Metabolic Fluxes of the Aspartate Family Pathway Are Regulated by Developmental, Physiological, and Environmental Signals
Although the aspartate family pathway is subject to major regulation by feedback
inhibition loops, the fluxes of this pathway also depend on the expression of genes
encoding the enzymes of this pathway. Expression of the genes and activities of
the encoded enzymes may be regulated by transcriptional, posttranscriptional,
translational, and posttranslational mechanisms, which may respond to various
developmental, physiological, and metabolic signals. One way to identify such
regulatory signals is to test their effects on the steady-state levels of the aspartate
family amino acids and on the expression and activity of enzymes of this pathway.
However, since the aspartate family amino acids are relatively minor amino acids
(Noctor
et al., 2002), it is difficult to draw statistically meaningful conclusions from
such studies. Hence, metabolic engineering of feedback inhibition loops appears
to be the appropriate strategy for functional dissection of signals that regulate the
production of the aspartate family enzymes as rationalized in the following.
Although feedback inhibition of DHPS and AK represents major regulators of
the fluxes of the aspartate family pathway, synthesis of its end-product amino
acids also depends on the expression of additional enzymes in this pathway
(Fig. 3.2). Thus, if a feedback-insensitive DHPS or AK were to be constitutively
expressed in transgenic plants, significant lysine or threonine overproduction
would be expected only in the specific tissues or growth conditions where the
genes encoding the entire set of lysine and/or threonine biosynthetic enzymes are also abundantly expressed. Indeed, lysine levels in transgenic plants constitutively
expressing a feedback-insensitive bacterial DHPS fluctuated considerably
under different growth conditions, being higher in young leaves and floral
organs than in old leaves, and positively responding to light intensity (Shaul
and Galili, 1992a; Zhu-Shimoni and Galili, 1998).
In contrast, threonine levels in
transgenic plants constitutively expressing a bacterial feedback-insensitive AK
showed much less fluctuations than lysine levels in plants expressing the
E. coli feedback-insensitive DHPS (O. Shaul and G. Galili, unpublished information).
The results imply that metabolic fluxes of the aspartate family pathway are
regulated by developmental, physiological, and environmental signals and that
fluxes in the lysine and threonine branches respond differently to the signals.

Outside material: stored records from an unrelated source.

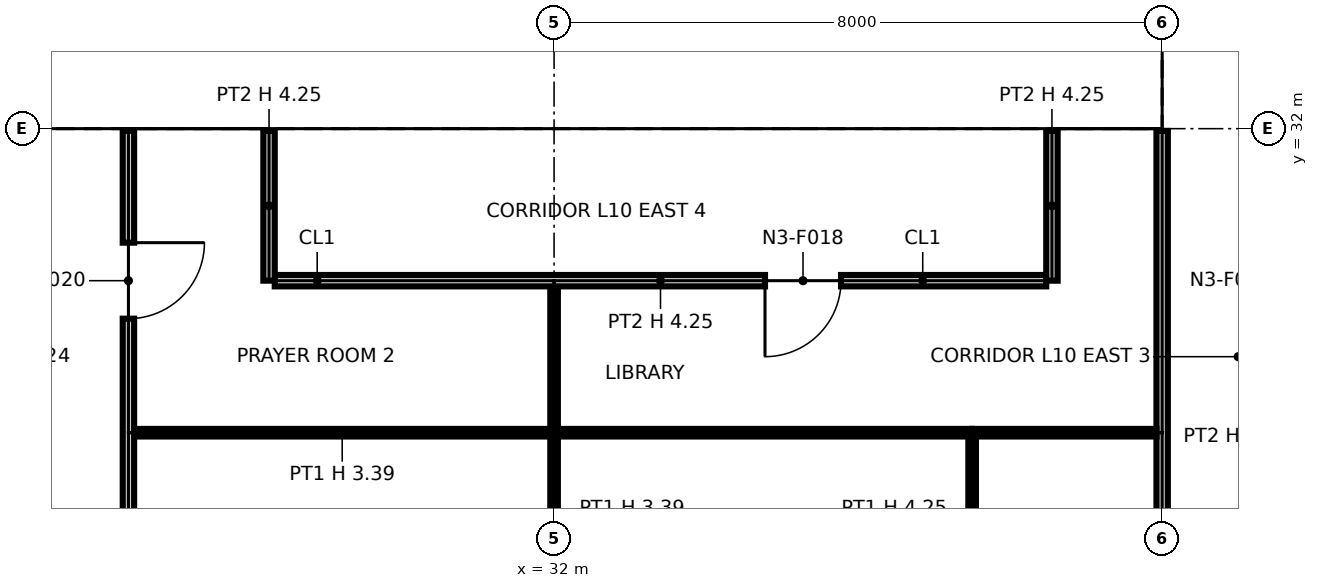
"""IFC4 building model, lengths in metres.
Left out: names, types, materials, properties, quantities, classifications, styles, units other than length and angle.
Written with IfcOpenShell. Run it as: python <this file> out.ifc"""

import sys

from ifc_helpers import new_model, si_unit, direction, frame, frame_2d, origin, origin_2d, place, context, subcontext, project, spatial, polyline, rectangle, i_section, outline, extrude, element, fill, save


model = new_model("IFC4")
c1 = context("Model", 3, precision=1e-05, world=origin(), true_north=direction((0.0, 1.0)))
c2 = subcontext(c1, "Body", "Model", "MODEL_VIEW")
j1 = project(units=[si_unit("LENGTHUNIT", "METRE"), si_unit("PLANEANGLEUNIT", "RADIAN")], contexts=[c1])
p1 = place(None, origin())
s1 = spatial("IfcSite", under=j1, at=p1, CompositionType="ELEMENT")
p2 = place(p1, origin())
s2 = spatial("IfcBuilding", under=s1, at=p2, CompositionType="ELEMENT")
p3 = place(p2, frame((0.0, 0.0, 61.2)))
s3 = spatial("IfcBuildingStorey", under=s2, at=p3, CompositionType="ELEMENT", Elevation=61.2)
for number, where, z_axis, x_axis in (
    (1, (32.0, 32.0, 0.0), (0.0, 0.0, 1.0), (1.0, 0.0, 0.0)),
    (2, (40.0, 32.0, 0.0), (0.0, 0.0, 1.0), (1.0, 0.0, 0.0)),
):
    element("IfcColumn", number, at=place(p3, frame(where, z_axis=z_axis, x_axis=x_axis)), inside=s3, PredefinedType="COLUMN", context=c2, shape_type="SweptSolid", body=[
        extrude(i_section(OverallWidth=0.371, OverallDepth=0.361, WebThickness=0.012, FlangeThickness=0.02, at=origin_2d()), origin(), (0.0, 0.0, 1.0), 4.25),
    ])
p4 = place(p3, frame((24.65, 32.75, 0.0), z_axis=(0.0, 0.0, 1.0), x_axis=(1.0, 0.0, 0.0)))
e3 = element("IfcWall", 3, at=p4, inside=s3, PredefinedType="PARTITIONING", context=c2, shape_type="SweptSolid", body=[
    extrude(outline(polyline([(0.0, 0.0), (14.7, 0.0), (14.7, 4.25), (7.469, 4.25), (7.469, 3.632), (7.231, 3.632), (7.23, 4.25), (0.0, 4.25), (0.0, 0.0)])), frame((0.0, 0.1, 0.0), z_axis=(0.0, -1.0, 0.0), x_axis=(1.0, 0.0, 0.0)), (0.0, 0.0, 1.0), 0.2),
])
p5 = place(p4, frame((4.1, 0.0, 0.0)))
e4 = element("IfcOpeningElement", 4, at=p5, cuts=e3, PredefinedType="OPENING", context=c2, shape_type="SweptSolid", body=[
    extrude(rectangle(XDim=1.8, YDim=2.1, at=frame_2d((0.9, 1.05))), frame((0.0, 0.11, 0.0), z_axis=(0.0, -1.0, 0.0), x_axis=(1.0, 0.0, 0.0)), (0.0, 0.0, 1.0), 0.22),
])
p6 = place(p4, frame((8.55, 0.0, 0.0)))
e5 = element("IfcOpeningElement", 5, at=p6, cuts=e3, PredefinedType="OPENING", context=c2, shape_type="SweptSolid", body=[
    extrude(rectangle(XDim=1.4, YDim=2.1, at=frame_2d((0.7, 1.05))), frame((0.0, 0.11, 0.0), z_axis=(0.0, -1.0, 0.0), x_axis=(1.0, 0.0, 0.0)), (0.0, 0.0, 1.0), 0.22),
])
p7 = place(p4, frame((12.0, 0.0, 0.0)))
e6 = element("IfcOpeningElement", 6, at=p7, cuts=e3, PredefinedType="OPENING", context=c2, shape_type="SweptSolid", body=[
    extrude(rectangle(XDim=1.4, YDim=2.1, at=frame_2d((0.7, 1.05))), frame((0.0, 0.11, 0.0), z_axis=(0.0, -1.0, 0.0), x_axis=(1.0, 0.0, 0.0)), (0.0, 0.0, 1.0), 0.22),
])
p8 = place(p3, frame((26.875, 32.85, 0.0), z_axis=(0.0, 0.0, 1.0), x_axis=(0.0, 1.0, 0.0)))
e7 = element("IfcWall", 7, at=p8, inside=s3, PredefinedType="PARTITIONING", context=c2, shape_type="SweptSolid", body=[
    extrude(rectangle(XDim=2.15, YDim=0.15, at=frame_2d((1.075, 0.0))), origin(), (0.0, 0.0, 1.0), 4.25),
])
p9 = place(p8, frame((0.6, 0.0, 0.0)))
e8 = element("IfcOpeningElement", 8, at=p9, cuts=e7, PredefinedType="OPENING", context=c2, shape_type="SweptSolid", body=[
    extrude(rectangle(XDim=0.9, YDim=2.1, at=frame_2d((0.45, 1.05))), frame((0.0, 0.085, 0.0), z_axis=(0.0, -1.0, 0.0), x_axis=(1.0, 0.0, 0.0)), (0.0, 0.0, 1.0), 0.17),
])
p10 = place(p3, frame((32.0, 32.85, 0.0), z_axis=(0.0, 0.0, 1.0), x_axis=(0.0, 1.0, 0.0)))
e9 = element("IfcWall", 9, at=p10, inside=s3, PredefinedType="PARTITIONING", context=c2, shape_type="SweptSolid", body=[
    extrude(rectangle(XDim=6.3, YDim=0.6, at=frame_2d((3.15, 0.0))), origin(), (0.0, 0.0, 1.0), 3.632),
])
for number, where, z_axis, x_axis in (
    (10, (35.6, 32.85, 0.0), (0.0, 0.0, 1.0), (0.0, 1.0, 0.0)),
    (11, (39.25, 32.85, 0.0), (0.0, 0.0, 1.0), (0.0, 1.0, 0.0)),
):
    element("IfcWall", number, at=place(p3, frame(where, z_axis=z_axis, x_axis=x_axis)), inside=s3, PredefinedType="PARTITIONING", context=c2, shape_type="SweptSolid", body=[
        extrude(rectangle(XDim=6.3, YDim=0.2, at=frame_2d((3.15, 0.0))), origin(), (0.0, 0.0, 1.0), 4.25),
    ])
p11 = place(p3, frame((26.4, 18.0, 0.0), z_axis=(0.0, 0.0, 1.0), x_axis=(0.0, 1.0, 0.0)))
e12 = element("IfcWall", 12, at=p11, inside=s3, PredefinedType="PARTITIONING", context=c2, shape_type="SweptSolid", body=[
    extrude(outline(polyline([(0.0, 0.0), (13.97, 0.0), (13.97, 4.25), (10.3, 4.25), (10.298, 3.391), (9.702, 3.391), (9.7, 4.25), (6.3, 4.25), (6.298, 3.391), (5.702, 3.391), (5.7, 4.25), (2.3, 4.25), (2.298, 3.391), (1.702, 3.391), (1.7, 4.25), (0.0, 4.25), (0.0, 0.0)])), frame((0.0, 0.075, 0.0), z_axis=(0.0, -1.0, 0.0), x_axis=(1.0, 0.0, 0.0)), (0.0, 0.0, 1.0), 0.15),
])
p12 = place(p11, frame((8.5, 0.0, 0.0), z_axis=(0.0, 0.0, 1.0), x_axis=(-1.0, 0.0, 0.0)))
e13 = element("IfcOpeningElement", 13, at=p12, cuts=e12, PredefinedType="OPENING", context=c2, shape_type="SweptSolid", body=[
    extrude(rectangle(XDim=1.0, YDim=2.1, at=frame_2d((0.5, 1.05))), frame((0.0, 0.085, 0.0), z_axis=(0.0, -1.0, 0.0), x_axis=(1.0, 0.0, 0.0)), (0.0, 0.0, 1.0), 0.17),
])
p13 = place(p11, frame((12.5, 0.0, 0.0), z_axis=(0.0, 0.0, 1.0), x_axis=(-1.0, 0.0, 0.0)))
e14 = element("IfcOpeningElement", 14, at=p13, cuts=e12, PredefinedType="OPENING", context=c2, shape_type="SweptSolid", body=[
    extrude(rectangle(XDim=1.0, YDim=2.1, at=frame_2d((0.5, 1.05))), frame((0.0, 0.085, 0.0), z_axis=(0.0, -1.0, 0.0), x_axis=(1.0, 0.0, 0.0)), (0.0, 0.0, 1.0), 0.17),
])
p14 = place(p3, frame((40.0, 18.0, 0.0), z_axis=(0.0, 0.0, 1.0), x_axis=(0.0, 1.0, 0.0)))
e15 = element("IfcWall", 15, at=p14, inside=s3, PredefinedType="PARTITIONING", context=c2, shape_type="SweptSolid", body=[
    extrude(rectangle(XDim=13.97, YDim=0.15, at=frame_2d((6.985, 0.0))), origin(), (0.0, 0.0, 1.0), 3.391),
])
p15 = place(p14, frame((7.5, 0.0, 0.0)))
e16 = element("IfcOpeningElement", 16, at=p15, cuts=e15, PredefinedType="OPENING", context=c2, shape_type="SweptSolid", body=[
    extrude(rectangle(XDim=1.0, YDim=2.1, at=frame_2d((0.5, 1.05))), frame((0.0, 0.085, 0.0), z_axis=(0.0, -1.0, 0.0), x_axis=(1.0, 0.0, 0.0)), (0.0, 0.0, 1.0), 0.17),
])
p16 = place(p3, frame((32.0, 24.0, 0.0), z_axis=(0.0, 0.0, 1.0), x_axis=(0.0, 1.0, 0.0)))
e17 = element("IfcWall", 17, at=p16, inside=s3, PredefinedType="PARTITIONING", context=c2, shape_type="SweptSolid", body=[
    extrude(rectangle(XDim=3.95, YDim=0.1, at=frame_2d((1.975, 0.0))), origin(), (0.0, 0.0, 1.0), 3.391),
])
p17 = place(p3, frame((37.5, 24.0, 0.0), z_axis=(0.0, 0.0, 1.0), x_axis=(0.0, 1.0, 0.0)))
e18 = element("IfcWall", 18, at=p17, inside=s3, PredefinedType="PARTITIONING", context=c2, shape_type="SweptSolid", body=[
    extrude(rectangle(XDim=3.95, YDim=0.1, at=frame_2d((1.975, 0.0))), origin(), (0.0, 0.0, 1.0), 4.25),
])
p18 = place(p17, frame((2.5, 0.0, 0.0), z_axis=(0.0, 0.0, 1.0), x_axis=(-1.0, 0.0, 0.0)))
e19 = element("IfcOpeningElement", 19, at=p18, cuts=e18, PredefinedType="OPENING", context=c2, shape_type="SweptSolid", body=[
    extrude(rectangle(XDim=1.0, YDim=2.1, at=frame_2d((0.5, 1.05))), frame((0.0, 0.06, 0.0), z_axis=(0.0, -1.0, 0.0), x_axis=(1.0, 0.0, 0.0)), (0.0, 0.0, 1.0), 0.12),
])
p19 = place(p3, frame((26.475, 28.0, 0.0), z_axis=(0.0, 0.0, 1.0), x_axis=(1.0, 0.0, 0.0)))
e20 = element("IfcWall", 20, at=p19, inside=s3, PredefinedType="PARTITIONING", context=c2, shape_type="SweptSolid", body=[
    extrude(rectangle(XDim=5.475, YDim=0.1, at=frame_2d((2.737, 0.0))), origin(), (0.0, 0.0, 1.0), 3.391),
])
p20 = place(p3, frame((32.05, 28.0, 0.0), z_axis=(0.0, 0.0, 1.0), x_axis=(1.0, 0.0, 0.0)))
e21 = element("IfcWall", 21, at=p20, inside=s3, PredefinedType="PARTITIONING", context=c2, shape_type="SweptSolid", body=[
    extrude(rectangle(XDim=5.45, YDim=0.1, at=frame_2d((2.725, 0.0))), origin(), (0.0, 0.0, 1.0), 3.391),
])
p21 = place(p3, frame((32.0, 28.0, 0.0), z_axis=(0.0, 0.0, 1.0), x_axis=(0.0, 1.0, 0.0)))
e22 = element("IfcWall", 22, at=p21, inside=s3, PredefinedType="PARTITIONING", context=c2, shape_type="SweptSolid", body=[
    extrude(rectangle(XDim=1.925, YDim=0.1, at=frame_2d((0.962, 0.0))), origin(), (0.0, 0.0, 1.0), 3.391),
])
p22 = place(p3, frame((37.5, 28.0, 0.0), z_axis=(0.0, 0.0, 1.0), x_axis=(1.0, 0.0, 0.0)))
e23 = element("IfcWall", 23, at=p22, inside=s3, PredefinedType="PARTITIONING", context=c2, shape_type="SweptSolid", body=[
    extrude(rectangle(XDim=2.425, YDim=0.1, at=frame_2d((1.212, 0.0))), origin(), (0.0, 0.0, 1.0), 3.391),
])
p23 = place(p3, frame((28.325, 30.0, 0.0), z_axis=(0.0, 0.0, 1.0), x_axis=(1.0, 0.0, 0.0)))
e24 = element("IfcWall", 24, at=p23, inside=s3, PredefinedType="PARTITIONING", context=c2, shape_type="SweptSolid", body=[
    extrude(rectangle(XDim=10.15, YDim=0.15, at=frame_2d((5.075, 0.0))), origin(), (0.0, 0.0, 1.0), 4.25),
])
p24 = place(p23, frame((7.45, 0.0, 0.0), z_axis=(0.0, 0.0, 1.0), x_axis=(-1.0, 0.0, 0.0)))
e25 = element("IfcOpeningElement", 25, at=p24, cuts=e24, PredefinedType="OPENING", context=c2, shape_type="SweptSolid", body=[
    extrude(rectangle(XDim=1.0, YDim=2.1, at=frame_2d((0.5, 1.05))), frame((0.0, 0.085, 0.0), z_axis=(0.0, -1.0, 0.0), x_axis=(1.0, 0.0, 0.0)), (0.0, 0.0, 1.0), 0.17),
])
for number, where, z_axis, x_axis in (
    (26, (28.25, 30.0, 0.0), (0.0, 0.0, 1.0), (0.0, 1.0, 0.0)),
    (27, (38.55, 30.0, 0.0), (0.0, 0.0, 1.0), (0.0, 1.0, 0.0)),
):
    element("IfcWall", number, at=place(p3, frame(where, z_axis=z_axis, x_axis=x_axis)), inside=s3, PredefinedType="PARTITIONING", context=c2, shape_type="SweptSolid", body=[
        extrude(rectangle(XDim=1.97, YDim=0.15, at=frame_2d((0.985, 0.0))), origin(), (0.0, 0.0, 1.0), 4.25),
    ])
p25 = place(p5, origin())
e28 = element("IfcDoor", 28, at=p25, inside=s3, OperationType="DOUBLE_DOOR_SINGLE_SWING", PredefinedType="NOTDEFINED", context=c2, shape_type="SweptSolid", body=[
    extrude(rectangle(XDim=1.8, YDim=2.1, at=frame_2d((0.9, 1.05))), frame((0.0, 0.025, 0.0), z_axis=(0.0, -1.0, 0.0), x_axis=(1.0, 0.0, 0.0)), (0.0, 0.0, 1.0), 0.05),
])
fill(e4, e28)
p26 = place(p6, origin())
e29 = element("IfcDoor", 29, at=p26, inside=s3, OperationType="DOUBLE_DOOR_SINGLE_SWING", PredefinedType="NOTDEFINED", context=c2, shape_type="SweptSolid", body=[
    extrude(rectangle(XDim=1.4, YDim=2.1, at=frame_2d((0.7, 1.05))), frame((0.0, 0.025, 0.0), z_axis=(0.0, -1.0, 0.0), x_axis=(1.0, 0.0, 0.0)), (0.0, 0.0, 1.0), 0.05),
])
fill(e5, e29)
p27 = place(p7, origin())
e30 = element("IfcDoor", 30, at=p27, inside=s3, OperationType="DOUBLE_DOOR_SINGLE_SWING", PredefinedType="NOTDEFINED", context=c2, shape_type="SweptSolid", body=[
    extrude(rectangle(XDim=1.4, YDim=2.1, at=frame_2d((0.7, 1.05))), frame((0.0, 0.025, 0.0), z_axis=(0.0, -1.0, 0.0), x_axis=(1.0, 0.0, 0.0)), (0.0, 0.0, 1.0), 0.05),
])
fill(e6, e30)
p28 = place(p24, origin())
e31 = element("IfcDoor", 31, at=p28, inside=s3, OperationType="SINGLE_SWING_RIGHT", PredefinedType="DOOR", context=c2, shape_type="SweptSolid", body=[
    extrude(rectangle(XDim=1.0, YDim=2.1, at=frame_2d((0.5, 1.05))), frame((0.0, 0.025, 0.0), z_axis=(0.0, -1.0, 0.0), x_axis=(1.0, 0.0, 0.0)), (0.0, 0.0, 1.0), 0.05),
])
fill(e25, e31)
p29 = place(p13, origin())
e32 = element("IfcDoor", 32, at=p29, inside=s3, OperationType="SINGLE_SWING_LEFT", PredefinedType="DOOR", context=c2, shape_type="SweptSolid", body=[
    extrude(rectangle(XDim=1.0, YDim=2.1, at=frame_2d((0.5, 1.05))), frame((0.0, 0.025, 0.0), z_axis=(0.0, -1.0, 0.0), x_axis=(1.0, 0.0, 0.0)), (0.0, 0.0, 1.0), 0.05),
])
fill(e14, e32)
save(model, sys.argv[1])

The regulation of synthesis of the aspartate family amino acids was studied
further by analyzing the expression patterns of two
Arabidopsis genes encoding
AK/HSD and DHPS enzymes, using Northern blot analyses and promoter fusion
to the β-glucuronidase (GUS) reporter gene. The developmental expression pattern
of both genes was very similar, that is, they were highly expressed in
germinating seedlings, actively dividing and growing young shoot and root
tissues, various organs of the developing flowers, as well as in developing
embryos (Vauterin
et al., 1999; Zhu-Shimoni
et al., 1997). Exposure of etiolated
seedlings to light results in an altered pattern of GUS staining in the hypocotyls
and cotyledons, suggesting that expression of the AK/HSD and DHPS genes is
also regulated by light (Vauterin
et al., 1999; Zhu-Shimoni
et al., 1997).
This was
supported by studies showing that the levels and activities of the barley AK
isozymes are increased by light and phytochrome (Rao
et al., 1999). The similarities
in the developmental and light-regulated patterns of expression of the AK
and DHPS genes suggest some coordination of expression of genes encoding
enzymes of the aspartate family pathway. However, this clearly does not account
for the entire set of the aspartate family genes as deduced from the differential
expression pattern of two of the three
Arabidopsis genes encoding lysine-sensitive
monofunctional AK isozymes. Based on an analysis of transgenic plants expressing
promoter-GUS constructs, expression of one of these genes was more predominant
than the other in vegetative tissues (Jacobs
et al., 2001). Both genes were
highly expressed at the reproductive stage, but only one of these genes was expressed in fruits (Jacobs
et al., 2001). Whether this variation in expression
pattern reflects a nonredundant function of the different AK isozymes or association
with developmentally regulated variations in metabolic fluxes of the lysine
and threonine branches, discussed above, remains to be elucidated.